Buddhisten, Katholiken und Konfessionslose

Die Ausbildung der Ehrenamtlichen ist für alle offen: Die Module der Lehrgänge werden von der katholischen Nonne Annemarie Gamsjäger geleitet, die seit 25 Jahren in der Hospizarbeit tätig ist. "Assistiert wird sie von einer Buddhistin, die zum Beispiel in den Pausen mit uns Qigong Übungen macht. In der Gruppe sind Buddhisten, Katholiken und Konfessionslose wie ich", sagt Janet Cobb.

"Unsere erste Frage ist sicher nicht, ob die Kursteilnehmer dem Buddhismus angehören", bestätigt Fröhlich. Auch die PatientInnen schätzen das neutrale Angebot der ÖBR, sagt Fröhlich: "Die Angst, noch einmal missioniert zu werden oder sich sündig fühlen zu müssen ist zwar unbegründet, aber dennoch oft in den Köpfen der Menschen."

Selbsterfahrung

Am Anfang der Ausbildung geht es hauptsächlich um Selbsterfahrung und die Auseinandersetzung mit dem eigenen Sterben. Inhaltliche Schwerpunkte werden auf medizinische Informationen, pflegerische Grundbegriffe und die ethnisch-juridische Dimension gesetzt. Das letzte Modul hat Trauerarbeit zum Thema. Nach Abschluss des Lehrgangs bekommen die TeilnehmerInnen ein offizielles Zertifikat und das Praktikum kann beginnen.

Seit Juni ist Cobb im Krankenhaus "Göttlicher Heiland" aktiv. "Es ist wunderbar zu erfahren, wie Menschen verschiedener Nationalitäten, aus allen Gesellschaftsschichten, heterosexuell oder homosexuell, gepflegt, mit Respekt und vollkommen gleich behandelt werden", sagt Janet Cobb.

Loslassen

Die ehrenamtliche Sterbebegleiterin hat in ihrem Umfeld unterschiedliche Reaktionen erlebt: "Ein Bekannter hat gemeint, dass ich doch viel mehr gebe, als ich zurück bekomme. Das stimmt überhaupt nicht." Nach jedem Dienst sei Cobb dankbar: "Was mir vorher Sorgen gemacht hat, wird unwichtig. Es relativiert alles."

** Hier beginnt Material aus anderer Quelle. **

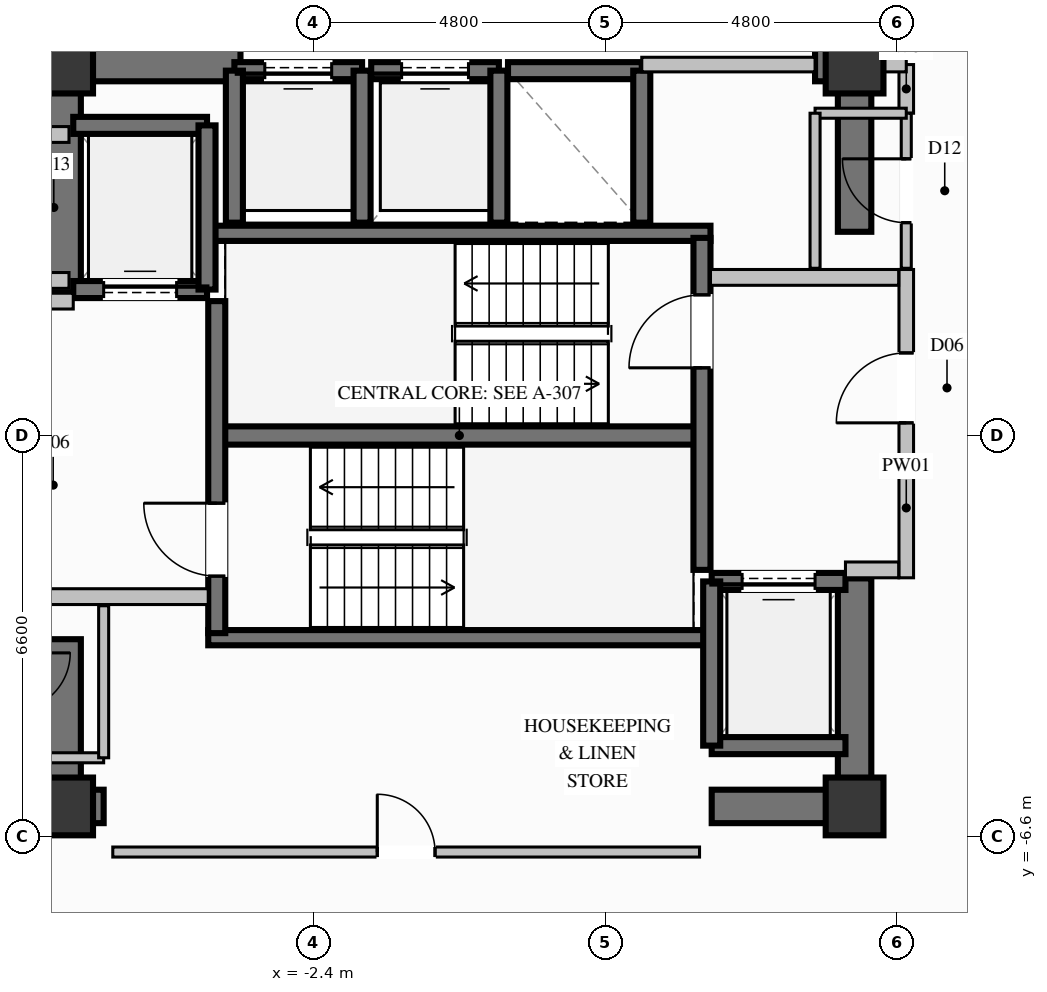
"""IFC4 building model, lengths in metres.
Left out: names, types, materials, properties, quantities, classifications, styles, units other than length and angle.
Written with IfcOpenShell. Run it as: python <this file> out.ifc"""

import sys

from ifc_helpers import new_model, si_unit, direction, frame, frame_2d, origin, origin_2d, place, context, subcontext, project, spatial, rectangle, extrude, element, fill, save


model = new_model("IFC4")
c1 = context("Model", 3, precision=1e-05, world=origin(), true_north=direction((0.0, 1.0)))
c2 = subcontext(c1, "Body", "Model", "MODEL_VIEW")
j1 = project(units=[si_unit("LENGTHUNIT", "METRE"), si_unit("PLANEANGLEUNIT", "RADIAN")], contexts=[c1])
p1 = place(None, origin())
s1 = spatial("IfcSite", under=j1, at=p1, CompositionType="ELEMENT")
p2 = place(p1, origin())
s2 = spatial("IfcBuilding", under=s1, at=p2, CompositionType="ELEMENT")
p3 = place(p2, frame((0.0, 0.0, 198.4)))
s3 = spatial("IfcBuildingStorey", under=s2, at=p3, CompositionType="ELEMENT", Elevation=198.4)
for number, where, z_axis, x_axis in (
    (1, (-6.5, -6.1, 0.0), (0.0, 0.0, 1.0), (1.0, 0.0, 0.0)),
    (2, (6.5, -6.1, 0.0), (0.0, 0.0, 1.0), (1.0, 0.0, 0.0)),
    (3, (6.5, 6.1, 0.0), (0.0, 0.0, 1.0), (1.0, 0.0, 0.0)),
    (4, (-6.5, 6.1, 0.0), (0.0, 0.0, 1.0), (1.0, 0.0, 0.0)),
):
    element("IfcColumn", number, at=place(p3, frame(where, z_axis=z_axis, x_axis=x_axis)), inside=s3, PredefinedType="COLUMN", context=c2, shape_type="SweptSolid", body=[
        extrude(rectangle(XDim=0.95, YDim=0.95, at=origin_2d()), origin(), (0.0, 0.0, 1.0), 3.6),
    ])
p4 = place(p3, frame((-3.99, 0.0, 0.0), z_axis=(0.0, 0.0, 1.0), x_axis=(1.0, 0.0, 0.0)))
e5 = element("IfcWall", 5, at=p4, inside=s3, PredefinedType="SHEAR", context=c2, shape_type="SweptSolid", body=[
    extrude(rectangle(XDim=7.98, YDim=0.3, at=frame_2d((3.99, 0.0))), origin(), (0.0, 0.0, 1.0), 3.6),
])
for number, where, z_axis, x_axis in (
    (6, (-4.13, -3.325, 0.0), (0.0, 0.0, 1.0), (1.0, 0.0, 0.0)),
    (7, (-4.13, 3.325, 0.0), (0.0, 0.0, 1.0), (1.0, 0.0, 0.0)),
):
    element("IfcWall", number, at=place(p3, frame(where, z_axis=z_axis, x_axis=x_axis)), inside=s3, PredefinedType="SOLIDWALL", context=c2, shape_type="SweptSolid", body=[
        extrude(rectangle(XDim=8.26, YDim=0.25, at=frame_2d((4.13, 0.0))), origin(), (0.0, 0.0, 1.0), 3.6),
    ])
p5 = place(p3, frame((-6.225, -6.1, 0.0), z_axis=(0.0, 0.0, 1.0), x_axis=(1.0, 0.0, 0.0)))
e8 = element("IfcWall", 8, at=p5, inside=s3, PredefinedType="SHEAR", context=c2, shape_type="SweptSolid", body=[
    extrude(rectangle(XDim=0.375, YDim=0.55, at=frame_2d((0.188, 0.0))), origin(), (0.0, 0.0, 1.0), 3.6),
])
p6 = place(p3, frame((4.15, -6.1, 0.0), z_axis=(0.0, 0.0, 1.0), x_axis=(1.0, 0.0, 0.0)))
e9 = element("IfcWall", 9, at=p6, inside=s3, PredefinedType="SHEAR", context=c2, shape_type="SweptSolid", body=[
    extrude(rectangle(XDim=2.075, YDim=0.55, at=frame_2d((1.038, 0.0))), origin(), (0.0, 0.0, 1.0), 3.6),
])
p7 = place(p3, frame((-6.225, 6.1, 0.0), z_axis=(0.0, 0.0, 1.0), x_axis=(1.0, 0.0, 0.0)))
e10 = element("IfcWall", 10, at=p7, inside=s3, PredefinedType="SHEAR", context=c2, shape_type="SweptSolid", body=[
    extrude(rectangle(XDim=2.625, YDim=0.55, at=frame_2d((1.312, 0.0))), origin(), (0.0, 0.0, 1.0), 3.6),
])
p8 = place(p3, frame((5.85, 6.1, 0.0), z_axis=(0.0, 0.0, 1.0), x_axis=(1.0, 0.0, 0.0)))
e11 = element("IfcWall", 11, at=p8, inside=s3, PredefinedType="SHEAR", context=c2, shape_type="SweptSolid", body=[
    extrude(rectangle(XDim=0.375, YDim=0.55, at=frame_2d((0.188, 0.0))), origin(), (0.0, 0.0, 1.0), 3.6),
])
p9 = place(p3, frame((-6.5, 2.35, 0.0), z_axis=(0.0, 0.0, 1.0), x_axis=(0.0, 1.0, 0.0)))
e12 = element("IfcWall", 12, at=p9, inside=s3, PredefinedType="SHEAR", context=c2, shape_type="SweptSolid", body=[
    extrude(rectangle(XDim=4.025, YDim=0.55, at=frame_2d((2.012, 0.0))), origin(), (0.0, 0.0, 1.0), 3.6),
])
p10 = place(p3, frame((-6.5, -6.375, 0.0), z_axis=(0.0, 0.0, 1.0), x_axis=(0.0, 1.0, 0.0)))
e13 = element("IfcWall", 13, at=p10, inside=s3, PredefinedType="SHEAR", context=c2, shape_type="SweptSolid", body=[
    extrude(rectangle(XDim=3.025, YDim=0.55, at=frame_2d((1.512, 0.0))), origin(), (0.0, 0.0, 1.0), 3.6),
])
p11 = place(p3, frame((6.5, -6.375, 0.0), z_axis=(0.0, 0.0, 1.0), x_axis=(0.0, 1.0, 0.0)))
e14 = element("IfcWall", 14, at=p11, inside=s3, PredefinedType="SHEAR", context=c2, shape_type="SweptSolid", body=[
    extrude(rectangle(XDim=4.025, YDim=0.55, at=frame_2d((2.012, 0.0))), origin(), (0.0, 0.0, 1.0), 3.6),
])
p12 = place(p3, frame((6.5, 3.35, 0.0), z_axis=(0.0, 0.0, 1.0), x_axis=(0.0, 1.0, 0.0)))
e15 = element("IfcWall", 15, at=p12, inside=s3, PredefinedType="SHEAR", context=c2, shape_type="SweptSolid", body=[
    extrude(rectangle(XDim=3.025, YDim=0.55, at=frame_2d((1.512, 0.0))), origin(), (0.0, 0.0, 1.0), 3.6),
])
p13 = place(p3, frame((-1.6, 6.0, 0.0), z_axis=(0.0, 0.0, 1.0), x_axis=(-1.0, 0.0, 0.0)))
e16 = element("IfcWall", 16, at=p13, inside=s3, PredefinedType="SOLIDWALL", context=c2, shape_type="SweptSolid", body=[
    extrude(rectangle(XDim=2.1, YDim=0.28, at=frame_2d((1.05, 0.0))), origin(), (0.0, 0.0, 1.0), 3.36),
])
p14 = place(p13, frame((0.5, 0.0, 0.0)))
e17 = element("IfcOpeningElement", 17, at=p14, cuts=e16, PredefinedType="OPENING", context=c2, shape_type="SweptSolid", body=[
    extrude(rectangle(XDim=1.1, YDim=2.2, at=frame_2d((0.55, 1.1))), frame((0.0, 0.15, 0.0), z_axis=(0.0, -1.0, 0.0), x_axis=(1.0, 0.0, 0.0)), (0.0, 0.0, 1.0), 0.3),
])
for number, where, z_axis, x_axis in (
    (18, (-3.7, 6.0, 0.0), (0.0, 0.0, 1.0), (0.0, -1.0, 0.0)),
    (19, (-1.6, 3.5, 0.0), (0.0, 0.0, 1.0), (0.0, 1.0, 0.0)),
):
    element("IfcWall", number, at=place(p3, frame(where, z_axis=z_axis, x_axis=x_axis)), inside=s3, PredefinedType="SOLIDWALL", context=c2, shape_type="SweptSolid", body=[
        extrude(rectangle(XDim=2.5, YDim=0.28, at=frame_2d((1.25, 0.0))), origin(), (0.0, 0.0, 1.0), 3.36),
    ])
p15 = place(p3, frame((0.65, 6.0, 0.0), z_axis=(0.0, 0.0, 1.0), x_axis=(-1.0, 0.0, 0.0)))
e20 = element("IfcWall", 20, at=p15, inside=s3, PredefinedType="SOLIDWALL", context=c2, shape_type="SweptSolid", body=[
    extrude(rectangle(XDim=2.1, YDim=0.28, at=frame_2d((1.05, 0.0))), origin(), (0.0, 0.0, 1.0), 3.36),
])
p16 = place(p15, frame((0.5, 0.0, 0.0)))
e21 = element("IfcOpeningElement", 21, at=p16, cuts=e20, PredefinedType="OPENING", context=c2, shape_type="SweptSolid", body=[
    extrude(rectangle(XDim=1.1, YDim=2.2, at=frame_2d((0.55, 1.1))), frame((0.0, 0.15, 0.0), z_axis=(0.0, -1.0, 0.0), x_axis=(1.0, 0.0, 0.0)), (0.0, 0.0, 1.0), 0.3),
])
p17 = place(p3, frame((0.65, 3.5, 0.0), z_axis=(0.0, 0.0, 1.0), x_axis=(0.0, 1.0, 0.0)))
e22 = element("IfcWall", 22, at=p17, inside=s3, PredefinedType="SOLIDWALL", context=c2, shape_type="SweptSolid", body=[
    extrude(rectangle(XDim=2.5, YDim=0.28, at=frame_2d((1.25, 0.0))), origin(), (0.0, 0.0, 1.0), 3.36),
])
p18 = place(p3, frame((3.0, 6.0, 0.0), z_axis=(0.0, 0.0, 1.0), x_axis=(-1.0, 0.0, 0.0)))
e23 = element("IfcWall", 23, at=p18, inside=s3, PredefinedType="SOLIDWALL", context=c2, shape_type="SweptSolid", body=[
    extrude(rectangle(XDim=2.2, YDim=0.28, at=frame_2d((1.1, 0.0))), origin(), (0.0, 0.0, 1.0), 3.36),
])
p19 = place(p3, frame((3.0, 3.5, 0.0), z_axis=(0.0, 0.0, 1.0), x_axis=(0.0, 1.0, 0.0)))
e24 = element("IfcWall", 24, at=p19, inside=s3, PredefinedType="SOLIDWALL", context=c2, shape_type="SweptSolid", body=[
    extrude(rectangle(XDim=2.5, YDim=0.28, at=frame_2d((1.25, 0.0))), origin(), (0.0, 0.0, 1.0), 3.36),
])
p20 = place(p3, frame((-6.35, 2.4, 0.0), z_axis=(0.0, 0.0, 1.0), x_axis=(1.0, 0.0, 0.0)))
e25 = element("IfcWall", 25, at=p20, inside=s3, PredefinedType="SOLIDWALL", context=c2, shape_type="SweptSolid", body=[
    extrude(rectangle(XDim=2.2, YDim=0.28, at=frame_2d((1.1, 0.0))), origin(), (0.0, 0.0, 1.0), 3.36),
])
p21 = place(p20, frame((0.5, 0.0, 0.0)))
e26 = element("IfcOpeningElement", 26, at=p21, cuts=e25, PredefinedType="OPENING", context=c2, shape_type="SweptSolid", body=[
    extrude(rectangle(XDim=1.2, YDim=2.2, at=frame_2d((0.6, 1.1))), frame((0.0, 0.15, 0.0), z_axis=(0.0, -1.0, 0.0), x_axis=(1.0, 0.0, 0.0)), (0.0, 0.0, 1.0), 0.3),
])
p22 = place(p3, frame((-4.15, 5.1, 0.0), z_axis=(0.0, 0.0, 1.0), x_axis=(-1.0, 0.0, 0.0)))
e27 = element("IfcWall", 27, at=p22, inside=s3, PredefinedType="SOLIDWALL", context=c2, shape_type="SweptSolid", body=[
    extrude(rectangle(XDim=2.2, YDim=0.28, at=frame_2d((1.1, 0.0))), origin(), (0.0, 0.0, 1.0), 3.36),
])
p23 = place(p3, frame((-4.15, 2.4, 0.0), z_axis=(0.0, 0.0, 1.0), x_axis=(0.0, 1.0, 0.0)))
e28 = element("IfcWall", 28, at=p23, inside=s3, PredefinedType="SOLIDWALL", context=c2, shape_type="SweptSolid", body=[
    extrude(rectangle(XDim=2.7, YDim=0.28, at=frame_2d((1.35, 0.0))), origin(), (0.0, 0.0, 1.0), 3.36),
])
p24 = place(p3, frame((4.15, -5.1, 0.0), z_axis=(0.0, 0.0, 1.0), x_axis=(1.0, 0.0, 0.0)))
e29 = element("IfcWall", 29, at=p24, inside=s3, PredefinedType="SOLIDWALL", context=c2, shape_type="SweptSolid", body=[
    extrude(rectangle(XDim=2.2, YDim=0.28, at=frame_2d((1.1, 0.0))), origin(), (0.0, 0.0, 1.0), 3.36),
])
p25 = place(p3, frame((6.35, -2.4, 0.0), z_axis=(0.0, 0.0, 1.0), x_axis=(-1.0, 0.0, 0.0)))
e30 = element("IfcWall", 30, at=p25, inside=s3, PredefinedType="SOLIDWALL", context=c2, shape_type="SweptSolid", body=[
    extrude(rectangle(XDim=2.2, YDim=0.28, at=frame_2d((1.1, 0.0))), origin(), (0.0, 0.0, 1.0), 3.36),
])
p26 = place(p25, frame((0.5, 0.0, 0.0)))
e31 = element("IfcOpeningElement", 31, at=p26, cuts=e30, PredefinedType="OPENING", context=c2, shape_type="SweptSolid", body=[
    extrude(rectangle(XDim=1.2, YDim=2.2, at=frame_2d((0.6, 1.1))), frame((0.0, 0.15, 0.0), z_axis=(0.0, -1.0, 0.0), x_axis=(1.0, 0.0, 0.0)), (0.0, 0.0, 1.0), 0.3),
])
p27 = place(p3, frame((4.15, -2.4, 0.0), z_axis=(0.0, 0.0, 1.0), x_axis=(0.0, -1.0, 0.0)))
e32 = element("IfcWall", 32, at=p27, inside=s3, PredefinedType="SOLIDWALL", context=c2, shape_type="SweptSolid", body=[
    extrude(rectangle(XDim=2.7, YDim=0.28, at=frame_2d((1.35, 0.0))), origin(), (0.0, 0.0, 1.0), 3.36),
])
p28 = place(p3, frame((-3.99, -3.25, 0.0), z_axis=(0.0, 0.0, 1.0), x_axis=(0.0, 1.0, 0.0)))
e33 = element("IfcWall", 33, at=p28, inside=s3, PredefinedType="SOLIDWALL", context=c2, shape_type="SweptSolid", body=[
    extrude(rectangle(XDim=5.46, YDim=0.28, at=frame_2d((2.73, 0.0))), origin(), (0.0, 0.0, 1.0), 3.36),
])
p29 = place(p28, frame((0.937, 0.0, 0.0)))
e34 = element("IfcOpeningElement", 34, at=p29, cuts=e33, PredefinedType="OPENING", context=c2, shape_type="SweptSolid", body=[
    extrude(rectangle(XDim=1.2, YDim=2.2, at=frame_2d((0.6, 1.1))), frame((0.0, 0.15, 0.0), z_axis=(0.0, -1.0, 0.0), x_axis=(1.0, 0.0, 0.0)), (0.0, 0.0, 1.0), 0.3),
])
p30 = place(p3, frame((3.99, -2.21, 0.0), z_axis=(0.0, 0.0, 1.0), x_axis=(0.0, 1.0, 0.0)))
e35 = element("IfcWall", 35, at=p30, inside=s3, PredefinedType="SOLIDWALL", context=c2, shape_type="SweptSolid", body=[
    extrude(rectangle(XDim=5.46, YDim=0.28, at=frame_2d((2.73, 0.0))), origin(), (0.0, 0.0, 1.0), 3.36),
])
p31 = place(p30, frame((3.323, 0.0, 0.0)))
e36 = element("IfcOpeningElement", 36, at=p31, cuts=e35, PredefinedType="OPENING", context=c2, shape_type="SweptSolid", body=[
    extrude(rectangle(XDim=1.2, YDim=2.2, at=frame_2d((0.6, 1.1))), frame((0.0, 0.15, 0.0), z_axis=(0.0, -1.0, 0.0), x_axis=(1.0, 0.0, 0.0)), (0.0, 0.0, 1.0), 0.3),
])
p32 = place(p3, frame((-7.225, -2.65, 0.0), z_axis=(0.0, 0.0, 1.0), x_axis=(1.0, 0.0, 0.0)))
e37 = element("IfcWall", 37, at=p32, inside=s3, PredefinedType="PARTITIONING", context=c2, shape_type="SweptSolid", body=[
    extrude(rectangle(XDim=3.095, YDim=0.26, at=frame_2d((1.548, 0.0))), origin(), (0.0, 0.0, 1.0), 3.36),
])
p33 = place(p3, frame((-7.225, 2.21, 0.0), z_axis=(0.0, 0.0, 1.0), x_axis=(1.0, 0.0, 0.0)))
e38 = element("IfcWall", 38, at=p33, inside=s3, PredefinedType="PARTITIONING", context=c2, shape_type="SweptSolid", body=[
    extrude(rectangle(XDim=0.875, YDim=0.26, at=frame_2d((0.438, 0.0))), origin(), (0.0, 0.0, 1.0), 3.36),
])
p34 = place(p3, frame((7.35, -2.34, 0.0), z_axis=(0.0, 0.0, 1.0), x_axis=(0.0, 1.0, 0.0)))
e39 = element("IfcWall", 39, at=p34, inside=s3, PredefinedType="PARTITIONING", context=c2, shape_type="SweptSolid", body=[
    extrude(rectangle(XDim=5.07, YDim=0.24, at=frame_2d((2.535, 0.0))), origin(), (0.0, 0.0, 1.0), 2.445),
])
p35 = place(p34, frame((2.548, 0.0, 0.0)))
e40 = element("IfcOpeningElement", 40, at=p35, cuts=e39, PredefinedType="OPENING", context=c2, shape_type="SweptSolid", body=[
    extrude(rectangle(XDim=1.15, YDim=2.2, at=frame_2d((0.575, 1.1))), frame((0.0, 0.13, 0.0), z_axis=(0.0, -1.0, 0.0), x_axis=(1.0, 0.0, 0.0)), (0.0, 0.0, 1.0), 0.26),
])
p36 = place(p3, frame((6.35, -2.21, 0.0), z_axis=(0.0, 0.0, 1.0), x_axis=(1.0, 0.0, 0.0)))
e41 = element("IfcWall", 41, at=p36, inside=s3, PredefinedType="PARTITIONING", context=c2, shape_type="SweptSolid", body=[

Cobb stellt eine Verbindung zur buddhistischen Grundhaltung des Antimaterialismus her: "Je weniger materialistische Anhängsel man hat, umso einfacher kann man gehen. Denn das Leben heißt loslassen." Janet Cobbs Auseinandersetzung mit dem Thema begann vor zehn Jahren, als ihr Vater starb. Vor seinem Tod konnten sie vieles klären und Cobb empfindet diese Zeit noch heute als "Geschenk, das ihr viel Kraft gibt".

Gast

Die Zeit mit den Sterbenden ist kurz und intensiv. "Hospiz heißt übersetzt 'Gastfreundschaft'. Das erklärt unsere Arbeit recht gut, denn wir sind Gäste im Leben des anderen", sagt Fröhlich. Janet Cobb erzählt von einem Erlebnis, das ihre Familie miteinbezog: "Eine Dame wollte gerne meinen Ehemann kennen lernen, da wir viel über unsere Familien gesprochen haben." Cobbs Ehemann hat den Wunsch erfüllt, was der älteren Dame große Freude bereitete. "Meine Erfahrung ist, dass sterbende Menschen sehr wohl ein Bedürfnis nach Gesellschaft haben und nicht abgeschoben, sozusagen lebendig begraben, werden wollen", sagt Fröhlich.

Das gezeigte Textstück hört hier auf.